Have fun, and don't forget to give us pics 

In case you were going to ask, I like the step-by-step progression pics the best ;-)


----------



## Bettanewbie60 (Jun 26, 2012)

toad said:


> Do it! Do it!
> 
> 
> If you're scared to put them in, just set it up and test the water every day until you feel confident that it's stable
> ...


Yeah, I like step by step ones too, but I've looked at all a million times. I can't do water tests, I don't have a full test kit. I have kept all of my bettas without one since day one. I know not a great idea, but it is really expensive and I have just always done a lot of water changes. Even with the gravel only planted I put fish in the first day, and they have done well. I should trust myself more. (I did see the full test kit on sale today, but I have to bring it up carefully to hubby lol). I'm also worried about it being dirty...I know the cap is important, and adding the water so that it hits the hardscape and not the cap/soil...sigh. I hate my lack of confidence sometimes. I got my first betta just three months ago, I now have 8 and have not had one illness or death, so I should trust myself by now. lol Thanks toad.


----------



## toad (Jul 17, 2012)

Bettanewbie60 said:


> Yeah, I like step by step ones too, but I've looked at all a million times. I can't do water tests, I don't have a full test kit. I have kept all of my bettas without one since day one. I know not a great idea, but it is really expensive and I have just always done a lot of water changes. Even with the gravel only planted I put fish in the first day, and they have done well. I should trust myself more. (I did see the full test kit on sale today, but I have to bring it up carefully to hubby lol). I'm also worried about it being dirty...I know the cap is important, and adding the water so that it hits the hardscape and not the cap/soil...sigh. I hate my lack of confidence sometimes. I got my first betta just three months ago, I now have 8 and have not had one illness or death, so I should trust myself by now. lol Thanks toad.


I don't have the test kit either, as I'm a poor kid living on her own lol. But, I understand your reservations, as I was also planning on doing an NPT and I chickened out ha ha ha.
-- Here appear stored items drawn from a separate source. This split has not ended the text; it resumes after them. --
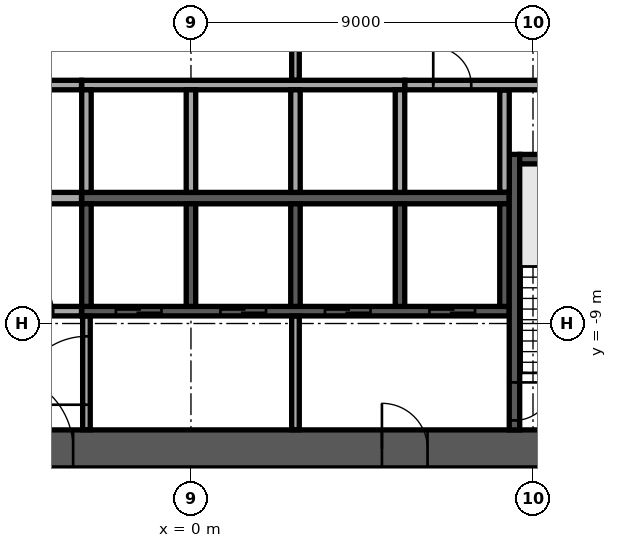
"""IFC4 building model, lengths in metres.
Left out: names, types, materials, properties, quantities, classifications, styles, units other than length and angle.
Written with IfcOpenShell. Run it as: python <this file> out.ifc"""

import sys

from ifc_helpers import new_model, si_unit, direction, frame, frame_2d, origin, place, context, subcontext, project, spatial, rectangle, extrude, element, fill, save


model = new_model("IFC4")
c1 = context("Model", 3, precision=1e-05, world=origin(), true_north=direction((0.0, 1.0)))
c2 = subcontext(c1, "Body", "Model", "MODEL_VIEW")
j1 = project(units=[si_unit("LENGTHUNIT", "METRE"), si_unit("PLANEANGLEUNIT", "RADIAN")], contexts=[c1])
p1 = place(None, origin())
s1 = spatial("IfcSite", under=j1, at=p1, CompositionType="ELEMENT")
p2 = place(p1, origin())
s2 = spatial("IfcBuilding", under=s1, at=p2, CompositionType="ELEMENT")
p3 = place(p2, frame((0.0, 0.0, 175.7)))
s3 = spatial("IfcBuildingStorey", under=s2, at=p3, CompositionType="ELEMENT", Elevation=175.7)
p4 = place(p3, frame((-12.8, -12.3, 0.0), z_axis=(0.0, 0.0, 1.0), x_axis=(1.0, 0.0, 0.0)))
e1 = element("IfcWall", 1, at=p4, inside=s3, PredefinedType="SHEAR", context=c2, shape_type="SweptSolid", body=[
    extrude(rectangle(XDim=25.6, YDim=1.0, at=frame_2d((12.8, 0.0))), origin(), (0.0, 0.0, 1.0), 3.6),
])
p5 = place(p4, frame((7.7, 0.0, 0.0)))
e2 = element("IfcOpeningElement", 2, at=p5, cuts=e1, PredefinedType="OPENING", context=c2, shape_type="SweptSolid", body=[
    extrude(rectangle(XDim=2.0, YDim=2.1, at=frame_2d((1.0, 1.05))), frame((0.0, 0.51, 0.0), z_axis=(0.0, -1.0, 0.0), x_axis=(1.0, 0.0, 0.0)), (0.0, 0.0, 1.0), 1.02),
])
p6 = place(p4, frame((17.825, 0.0, 0.0)))
e3 = element("IfcOpeningElement", 3, at=p6, cuts=e1, PredefinedType="OPENING", context=c2, shape_type="SweptSolid", body=[
    extrude(rectangle(XDim=1.2, YDim=2.1, at=frame_2d((0.6, 1.05))), frame((0.0, 0.51, 0.0), z_axis=(0.0, -1.0, 0.0), x_axis=(1.0, 0.0, 0.0)), (0.0, 0.0, 1.0), 1.02),
])
p7 = place(p4, frame((1.975, 0.0, 0.0)))
e4 = element("IfcOpeningElement", 4, at=p7, cuts=e1, PredefinedType="OPENING", context=c2, shape_type="SweptSolid", body=[
    extrude(rectangle(XDim=1.2, YDim=2.1, at=frame_2d((0.6, 1.05))), frame((0.0, 0.51, 0.0), z_axis=(0.0, -1.0, 0.0), x_axis=(1.0, 0.0, 0.0)), (0.0, 0.0, 1.0), 1.02),
])
p8 = place(p4, frame((22.425, 0.0, 0.0)))
e5 = element("IfcOpeningElement", 5, at=p8, cuts=e1, PredefinedType="OPENING", context=c2, shape_type="SweptSolid", body=[
    extrude(rectangle(XDim=1.2, YDim=2.1, at=frame_2d((0.6, 1.05))), frame((0.0, 0.51, 0.0), z_axis=(0.0, -1.0, 0.0), x_axis=(1.0, 0.0, 0.0)), (0.0, 0.0, 1.0), 1.02),
])
p9 = place(p3, frame((-2.875, -5.7, 0.0), z_axis=(0.0, 0.0, 1.0), x_axis=(1.0, 0.0, 0.0)))
e6 = element("IfcWall", 6, at=p9, inside=s3, PredefinedType="SOLIDWALL", context=c2, shape_type="SweptSolid", body=[
    extrude(rectangle(XDim=11.25, YDim=0.3, at=frame_2d((5.625, 0.0))), origin(), (0.0, 0.0, 1.0), 3.6),
])
p10 = place(p3, frame((-2.875, -2.725, 0.0), z_axis=(0.0, 0.0, 1.0), x_axis=(1.0, 0.0, 0.0)))
e7 = element("IfcWall", 7, at=p10, inside=s3, PredefinedType="SOLIDWALL", context=c2, shape_type="SweptSolid", body=[
    extrude(rectangle(XDim=8.5, YDim=0.25, at=frame_2d((4.25, 0.0))), origin(), (0.0, 0.0, 1.0), 3.6),
])
for number, where, z_axis, x_axis in (
    (8, (-2.75, -5.55, 0.0), (0.0, 0.0, 1.0), (0.0, 1.0, 0.0)),
    (9, (0.0, -5.55, 0.0), (0.0, 0.0, 1.0), (0.0, 1.0, 0.0)),
    (10, (2.75, -5.55, 0.0), (0.0, 0.0, 1.0), (0.0, 1.0, 0.0)),
    (11, (5.5, -5.55, 0.0), (0.0, 0.0, 1.0), (0.0, 1.0, 0.0)),
):
    element("IfcWall", number, at=place(p3, frame(where, z_axis=z_axis, x_axis=x_axis)), inside=s3, PredefinedType="SOLIDWALL", context=c2, shape_type="SweptSolid", body=[
        extrude(rectangle(XDim=2.7, YDim=0.25, at=frame_2d((1.35, 0.0))), origin(), (0.0, 0.0, 1.0), 3.6),
    ])
p11 = place(p3, frame((-2.875, -8.675, 0.0), z_axis=(0.0, 0.0, 1.0), x_axis=(1.0, 0.0, 0.0)))
e12 = element("IfcWall", 12, at=p11, inside=s3, PredefinedType="SOLIDWALL", context=c2, shape_type="SweptSolid", body=[
    extrude(rectangle(XDim=11.25, YDim=0.25, at=frame_2d((5.625, 0.0))), origin(), (0.0, 0.0, 1.0), 3.6),
])
p12 = place(p11, frame((0.9, 0.0, 0.0)))
e13 = element("IfcOpeningElement", 13, at=p12, cuts=e12, PredefinedType="OPENING", context=c2, shape_type="SweptSolid", body=[
    extrude(rectangle(XDim=1.2, YDim=2.1, at=frame_2d((0.6, 1.05))), frame((0.0, 0.135, 0.0), z_axis=(0.0, -1.0, 0.0), x_axis=(1.0, 0.0, 0.0)), (0.0, 0.0, 1.0), 0.27),
])
p13 = place(p11, frame((3.65, 0.0, 0.0)))
e14 = element("IfcOpeningElement", 14, at=p13, cuts=e12, PredefinedType="OPENING", context=c2, shape_type="SweptSolid", body=[
    extrude(rectangle(XDim=1.2, YDim=2.1, at=frame_2d((0.6, 1.05))), frame((0.0, 0.135, 0.0), z_axis=(0.0, -1.0, 0.0), x_axis=(1.0, 0.0, 0.0)), (0.0, 0.0, 1.0), 0.27),
])
p14 = place(p11, frame((6.4, 0.0, 0.0)))
e15 = element("IfcOpeningElement", 15, at=p14, cuts=e12, PredefinedType="OPENING", context=c2, shape_type="SweptSolid", body=[
    extrude(rectangle(XDim=1.2, YDim=2.1, at=frame_2d((0.6, 1.05))), frame((0.0, 0.135, 0.0), z_axis=(0.0, -1.0, 0.0), x_axis=(1.0, 0.0, 0.0)), (0.0, 0.0, 1.0), 0.27),
])
p15 = place(p11, frame((9.15, 0.0, 0.0)))
e16 = element("IfcOpeningElement", 16, at=p15, cuts=e12, PredefinedType="OPENING", context=c2, shape_type="SweptSolid", body=[
    extrude(rectangle(XDim=1.2, YDim=2.1, at=frame_2d((0.6, 1.05))), frame((0.0, 0.135, 0.0), z_axis=(0.0, -1.0, 0.0), x_axis=(1.0, 0.0, 0.0)), (0.0, 0.0, 1.0), 0.27),
])
for number, where, z_axis, x_axis in (
    (17, (-2.75, -8.55, 0.0), (0.0, 0.0, 1.0), (0.0, 1.0, 0.0)),
    (18, (0.0, -8.55, 0.0), (0.0, 0.0, 1.0), (0.0, 1.0, 0.0)),
    (19, (2.75, -8.55, 0.0), (0.0, 0.0, 1.0), (0.0, 1.0, 0.0)),
    (20, (5.5, -8.55, 0.0), (0.0, 0.0, 1.0), (0.0, 1.0, 0.0)),
    (21, (8.25, -8.55, 0.0), (0.0, 0.0, 1.0), (0.0, 1.0, 0.0)),
):
    element("IfcWall", number, at=place(p3, frame(where, z_axis=z_axis, x_axis=x_axis)), inside=s3, PredefinedType="SOLIDWALL", context=c2, shape_type="SweptSolid", body=[
        extrude(rectangle(XDim=2.7, YDim=0.25, at=frame_2d((1.35, 0.0))), origin(), (0.0, 0.0, 1.0), 3.6),
    ])
p16 = place(p3, frame((8.512, -4.55, 0.0), z_axis=(0.0, 0.0, 1.0), x_axis=(0.0, -1.0, 0.0)))
e22 = element("IfcWall", 22, at=p16, inside=s3, PredefinedType="SOLIDWALL", context=c2, shape_type="SweptSolid", body=[
    extrude(rectangle(XDim=7.25, YDim=0.275, at=frame_2d((3.625, 0.0))), origin(), (0.0, 0.0, 1.0), 3.6),
])
p17 = place(p16, frame((6.0, 0.0, 0.0)))
e23 = element("IfcOpeningElement", 23, at=p17, cuts=e22, PredefinedType="OPENING", context=c2, shape_type="SweptSolid", body=[
    extrude(rectangle(XDim=1.0, YDim=2.1, at=frame_2d((0.5, 1.05))), frame((0.0, 0.147, 0.0), z_axis=(0.0, -1.0, 0.0), x_axis=(1.0, 0.0, 0.0)), (0.0, 0.0, 1.0), 0.295),
])
p18 = place(p3, frame((8.65, -4.675, 0.0), z_axis=(0.0, 0.0, 1.0), x_axis=(1.0, 0.0, 0.0)))
e24 = element("IfcWall", 24, at=p18, inside=s3, PredefinedType="SOLIDWALL", context=c2, shape_type="SweptSolid", body=[
    extrude(rectangle(XDim=3.15, YDim=0.25, at=frame_2d((1.575, 0.0))), origin(), (0.0, 0.0, 1.0), 3.6),
])
p19 = place(p3, frame((-2.75, -11.795, 0.0), z_axis=(0.0, 0.0, 1.0), x_axis=(0.0, 1.0, 0.0)))
e25 = element("IfcWall", 25, at=p19, inside=s3, PredefinedType="PARTITIONING", context=c2, shape_type="SweptSolid", body=[
    extrude(rectangle(XDim=2.99, YDim=0.2, at=frame_2d((1.495, 0.0))), origin(), (0.0, 0.0, 1.0), 3.6),
])
p20 = place(p19, frame((0.657, 0.0, 0.0)))
e26 = element("IfcOpeningElement", 26, at=p20, cuts=e25, PredefinedType="OPENING", context=c2, shape_type="SweptSolid", body=[
    extrude(rectangle(XDim=1.8, YDim=2.1, at=frame_2d((0.9, 1.05))), frame((0.0, 0.11, 0.0), z_axis=(0.0, -1.0, 0.0), x_axis=(1.0, 0.0, 0.0)), (0.0, 0.0, 1.0), 0.22),
])
p21 = place(p3, frame((2.75, -11.795, 0.0), z_axis=(0.0, 0.0, 1.0), x_axis=(0.0, 1.0, 0.0)))
e27 = element("IfcWall", 27, at=p21, inside=s3, PredefinedType="PARTITIONING", context=c2, shape_type="SweptSolid", body=[
    extrude(rectangle(XDim=2.99, YDim=0.2, at=frame_2d((1.495, 0.0))), origin(), (0.0, 0.0, 1.0), 3.6),
])
p22 = place(p3, frame((-8.37, -8.675, 0.0), z_axis=(0.0, 0.0, 1.0), x_axis=(1.0, 0.0, 0.0)))
e28 = element("IfcWall", 28, at=p22, inside=s3, PredefinedType="PARTITIONING", context=c2, shape_type="SweptSolid", body=[
    extrude(rectangle(XDim=5.49, YDim=0.25, at=frame_2d((2.745, 0.0))), origin(), (0.0, 0.0, 1.0), 3.6),
])
p23 = place(p22, frame((0.995, 0.0, 0.0)))
e29 = element("IfcOpeningElement", 29, at=p23, cuts=e28, PredefinedType="OPENING", context=c2, shape_type="SweptSolid", body=[
    extrude(rectangle(XDim=1.0, YDim=2.1, at=frame_2d((0.5, 1.05))), frame((0.0, 0.135, 0.0), z_axis=(0.0, -1.0, 0.0), x_axis=(1.0, 0.0, 0.0)), (0.0, 0.0, 1.0), 0.27),
])
p24 = place(p22, frame((3.745, 0.0, 0.0)))
e30 = element("IfcOpeningElement", 30, at=p24, cuts=e28, PredefinedType="OPENING", context=c2, shape_type="SweptSolid", body=[
    extrude(rectangle(XDim=1.0, YDim=2.1, at=frame_2d((0.5, 1.05))), frame((0.0, 0.135, 0.0), z_axis=(0.0, -1.0, 0.0), x_axis=(1.0, 0.0, 0.0)), (0.0, 0.0, 1.0), 0.27),
])
p25 = place(p3, frame((-8.35, -5.7, 0.0), z_axis=(0.0, 0.0, 1.0), x_axis=(1.0, 0.0, 0.0)))
e31 = element("IfcWall", 31, at=p25, inside=s3, PredefinedType="PARTITIONING", context=c2, shape_type="SweptSolid", body=[
    extrude(rectangle(XDim=5.47, YDim=0.3, at=frame_2d((2.735, 0.0))), origin(), (0.0, 0.0, 1.0), 3.6),
])
p26 = place(p3, frame((8.25, -5.545, 0.0), z_axis=(0.0, 0.0, 1.0), x_axis=(0.0, 1.0, 0.0)))
e32 = element("IfcWall", 32, at=p26, inside=s3, PredefinedType="PARTITIONING", context=c2, shape_type="SweptSolid", body=[
    extrude(rectangle(XDim=2.69, YDim=0.25, at=frame_2d((1.345, 0.0))), origin(), (0.0, 0.0, 1.0), 3.6),
])
p27 = place(p3, frame((-11.795, -2.725, 0.0), z_axis=(0.0, 0.0, 1.0), x_axis=(1.0, 0.0, 0.0)))
e33 = element("IfcWall", 33, at=p27, inside=s3, PredefinedType="PARTITIONING", context=c2, shape_type="SweptSolid", body=[
    extrude(rectangle(XDim=8.915, YDim=0.25, at=frame_2d((4.458, 0.0))), origin(), (0.0, 0.0, 1.0), 3.6),
])
p28 = place(p27, frame((1.295, 0.0, 0.0)))
e34 = element("IfcOpeningElement", 34, at=p28, cuts=e33, PredefinedType="OPENING", context=c2, shape_type="SweptSolid", body=[
    extrude(rectangle(XDim=1.0, YDim=2.1, at=frame_2d((0.5, 1.05))), frame((0.0, 0.135, 0.0), z_axis=(0.0, -1.0, 0.0), x_axis=(1.0, 0.0, 0.0)), (0.0, 0.0, 1.0), 0.27),
])
p29 = place(p27, frame((4.42, 0.0, 0.0)))
e35 = element("IfcOpeningElement", 35, at=p29, cuts=e33, PredefinedType="OPENING", context=c2, shape_type="SweptSolid", body=[
    extrude(rectangle(XDim=1.0, YDim=2.1, at=frame_2d((0.5, 1.05))), frame((0.0, 0.135, 0.0), z_axis=(0.0, -1.0, 0.0), x_axis=(1.0, 0.0, 0.0)), (0.0, 0.0, 1.0), 0.27),
])
p30 = place(p3, frame((5.63, -2.725, 0.0), z_axis=(0.0, 0.0, 1.0), x_axis=(1.0, 0.0, 0.0)))
e36 = element("IfcWall", 36, at=p30, inside=s3, PredefinedType="PARTITIONING", context=c2, shape_type="SweptSolid", body=[
    extrude(rectangle(XDim=6.165, YDim=0.25, at=frame_2d((3.083, 0.0))), origin(), (0.0, 0.0, 1.0), 3.6),
])
p31 = place(p30, frame((0.745, 0.0, 0.0)))
e37 = element("IfcOpeningElement", 37, at=p31, cuts=e36, PredefinedType="OPENING", context=c2, shape_type="SweptSolid", body=[
    extrude(rectangle(XDim=1.0, YDim=2.1, at=frame_2d((0.5, 1.05))), frame((0.0, 0.135, 0.0), z_axis=(0.0, -1.0, 0.0), x_axis=(1.0, 0.0, 0.0)), (0.0, 0.0, 1.0), 0.27),
])
p32 = place(p30, frame((3.92, 0.0, 0.0)))
e38 = element("IfcOpeningElement", 38, at=p32, cuts=e36, PredefinedType="OPENING", context=c2, shape_type="SweptSolid", body=[
    extrude(rectangle(XDim=0.9, YDim=2.1, at=frame_2d((0.45, 1.05))), frame((0.0, 0.135, 0.0), z_axis=(0.0, -1.0, 0.0), x_axis=(1.0, 0.0, 0.0)), (0.0, 0.0, 1.0), 0.27),
])
p33 = place(p3, frame((2.75, -2.595, 0.0), z_axis=(0.0, 0.0, 1.0), x_axis=(0.0, 1.0, 0.0)))
e39 = element("IfcWall", 39, at=p33, inside=s3, PredefinedType="PARTITIONING", context=c2, shape_type="SweptSolid", body=[
    extrude(rectangle(XDim=5.19, YDim=0.2, at=frame_2d((2.595, 0.0))), origin(), (0.0, 0.0, 1.0), 3.6),
])
p34 = place(p33, frame((1.395, 0.0, 0.0)))
e40 = element("IfcOpeningElement", 40, at=p34, cuts=e39, PredefinedType="OPENING", context=c2, shape_type="SweptSolid", body=[
    extrude(rectangle(XDim=2.4, YDim=2.4, at=frame_2d((1.2, 1.2))), frame((0.0, 0.11, 0.0), z_axis=(0.0, -1.0, 0.0), x_axis=(1.0, 0.0, 0.0)), (0.0, 0.0, 1.0), 0.22),
])
p35 = place(p3, frame((-3.534, -35.882, 0.0), z_axis=(0.0, 0.0, 1.0), x_axis=(0.788011205374, 0.61566089709, 0.0)))
e41 = element("IfcWall", 41, at=p35, inside=s3, PredefinedType="STANDARD", context=c2, shape_type="SweptSolid", body=[
    extrude(rectangle(XDim=49.752, YDim=0.6, at=frame_2d((24.876, 0.0))), origin(), (0.0, 0.0, 1.0), 3.6),
])
p36 = place(p35, frame((1.161, 0.0, 0.9)))
e42 = element("IfcOpeningElement", 42, at=p36, cuts=e41, PredefinedType="OPENING", context=c2, shape_type="SweptSolid", body=[
    extrude(rectangle(XDim=2.1, YDim=2.1, at=frame_2d((1.05, 1.05))), frame((0.0, 0.31, 0.0), z_axis=(0.0, -1.0, 0.0), x_axis=(1.0, 0.0, 0.0)), (0.0, 0.0, 1.0), 0.62),
])
p37 = place(p35, frame((5.644, 0.0, 0.9)))
e43 = element("IfcOpeningElement", 43, at=p37, cuts=e41, PredefinedType="OPENING", context=c2, shape_type="SweptSolid", body=[
    extrude(rectangle(XDim=2.1, YDim=2.1, at=frame_2d((1.05, 1.05))), frame((0.0, 0.31, 0.0), z_axis=(0.0, -1.0, 0.0), x_axis=(1.0, 0.0, 0.0)), (0.0, 0.0, 1.0), 0.62),
])
p38 = place(p35, frame((10.189, 0.0, 0.9)))
e44 = element("IfcOpeningElement", 44, at=p38, cuts=e41, PredefinedType="OPENING", context=c2, shape_type="SweptSolid", body=[
    extrude(rectangle(XDim=2.1, YDim=2.1, at=frame_2d((1.05, 1.05))), frame((0.0, 0.31, 0.0), z_axis=(0.0, -1.0, 0.0), x_axis=(1.0, 0.0, 0.0)), (0.0, 0.0, 1.0), 0.62),
])
p39 = place(p35, frame((14.735, 0.0, 0.9)))
e45 = element("IfcOpeningElement", 45, at=p39, cuts=e41, PredefinedType="OPENING", context=c2, shape_type="SweptSolid", body=[
    extrude(rectangle(XDim=2.1, YDim=2.1, at=frame_2d((1.05, 1.05))), frame((0.0, 0.31, 0.0), z_axis=(0.0, -1.0, 0.0), x_axis=(1.0, 0.0, 0.0)), (0.0, 0.0, 1.0), 0.62),
])
p40 = place(p35, frame((19.28, 0.0, 0.9)))
e46 = element("IfcOpeningElement", 46, at=p40, cuts=e41, PredefinedType="OPENING", context=c2, shape_type="SweptSolid", body=[
    extrude(rectangle(XDim=2.1, YDim=2.1, at=frame_2d((1.05, 1.05))), frame((0.0, 0.31, 0.0), z_axis=(0.0, -1.0, 0.0), x_axis=(1.0, 0.0, 0.0)), (0.0, 0.0, 1.0), 0.62),
])
p41 = place(p35, frame((23.826, 0.0, 0.9)))
e47 = element("IfcOpeningElement", 47, at=p41, cuts=e41, PredefinedType="OPENING", context=c2, shape_type="SweptSolid", body=[
    extrude(rectangle(XDim=2.1, YDim=2.1, at=frame_2d((1.05, 1.05))), frame((0.0, 0.31, 0.0), z_axis=(0.0, -1.0, 0.0), x_axis=(1.0, 0.0, 0.0)), (0.0, 0.0, 1.0), 0.62),
])
p42 = place(p35, frame((28.371, 0.0, 0.9)))
e48 = element("IfcOpeningElement", 48, at=p42, cuts=e41, PredefinedType="OPENING", context=c2, shape_type="SweptSolid", body=[
    extrude(rectangle(XDim=2.1, YDim=2.1, at=frame_2d((1.05, 1.05))), frame((0.0, 0.31, 0.0), z_axis=(0.0, -1.0, 0.0), x_axis=(1.0, 0.0, 0.0)), (0.0, 0.0, 1.0), 0.62),
])
p43 = place(p35, frame((32.917, 0.0, 0.9)))
e49 = element("IfcOpeningElement", 49, at=p43, cuts=e41, PredefinedType="OPENING", context=c2, shape_type="SweptSolid", body=[
    extrude(rectangle(XDim=2.1, YDim=2.1, at=frame_2d((1.05, 1.05))), frame((0.0, 0.31, 0.0), z_axis=(0.0, -1.0, 0.0), x_axis=(1.0, 0.0, 0.0)), (0.0, 0.0, 1.0), 0.62),
])
p44 = place(p35, frame((37.462, 0.0, 0.9)))
e50 = element("IfcOpeningElement", 50, at=p44, cuts=e41, PredefinedType="OPENING", context=c2, shape_type="SweptSolid", body=[
    extrude(rectangle(XDim=2.1, YDim=2.1, at=frame_2d((1.05, 1.05))), frame((0.0, 0.31, 0.0), z_axis=(0.0, -1.0, 0.0), x_axis=(1.0, 0.0, 0.0)), (0.0, 0.0, 1.0), 0.62),
])
p45 = place(p35, frame((42.008, 0.0, 0.9)))
e51 = element("IfcOpeningElement", 51, at=p45, cuts=e41, PredefinedType="OPENING", context=c2, shape_type="SweptSolid", body=[
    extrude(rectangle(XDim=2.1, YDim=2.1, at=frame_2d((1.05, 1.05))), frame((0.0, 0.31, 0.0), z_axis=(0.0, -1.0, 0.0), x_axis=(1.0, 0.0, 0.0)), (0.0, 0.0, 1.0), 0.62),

Oh, and I meant that I wanted you to take the progression pics of your tank so we can see them :thumbsup:


----------



## Bettanewbie60 (Jun 26, 2012)

toad said:


> I don't have the test kit either, as I'm a poor kid living on her own lol. But, I understand your reservations, as I was also planning on doing an NPT and I chickened out ha ha ha.
> 
> Oh, and I meant that I wanted you to take the progression pics of your tank so we can see them :thumbsup:


LOL, Yeah I chickened out a few weeks ago and ended up with the gravel planted one instead..and LOL again, I realized afterward that you meant you wanted me to take the step by step pics lol. So, you have a regular tank with plants then too?


----------



## Bettanewbie60 (Jun 26, 2012)

This is my gravel planted tank, three week in...don't mind the mess in the middle, I just dropped all of my new plants in there while I set up the new tank...


----------



## toad (Jul 17, 2012)

Bettanewbie60 said:


> LOL, Yeah I chickened out a few weeks ago and ended up with the gravel planted one instead..and LOL again, I realized afterward that you meant you wanted me to take the step by step pics lol. So, you have a regular tank with plants then too?



He he :-D

Yes, actually, all 6 of my tanks are planted, with only gravel or sand as substrate. Works perfectly well, I think.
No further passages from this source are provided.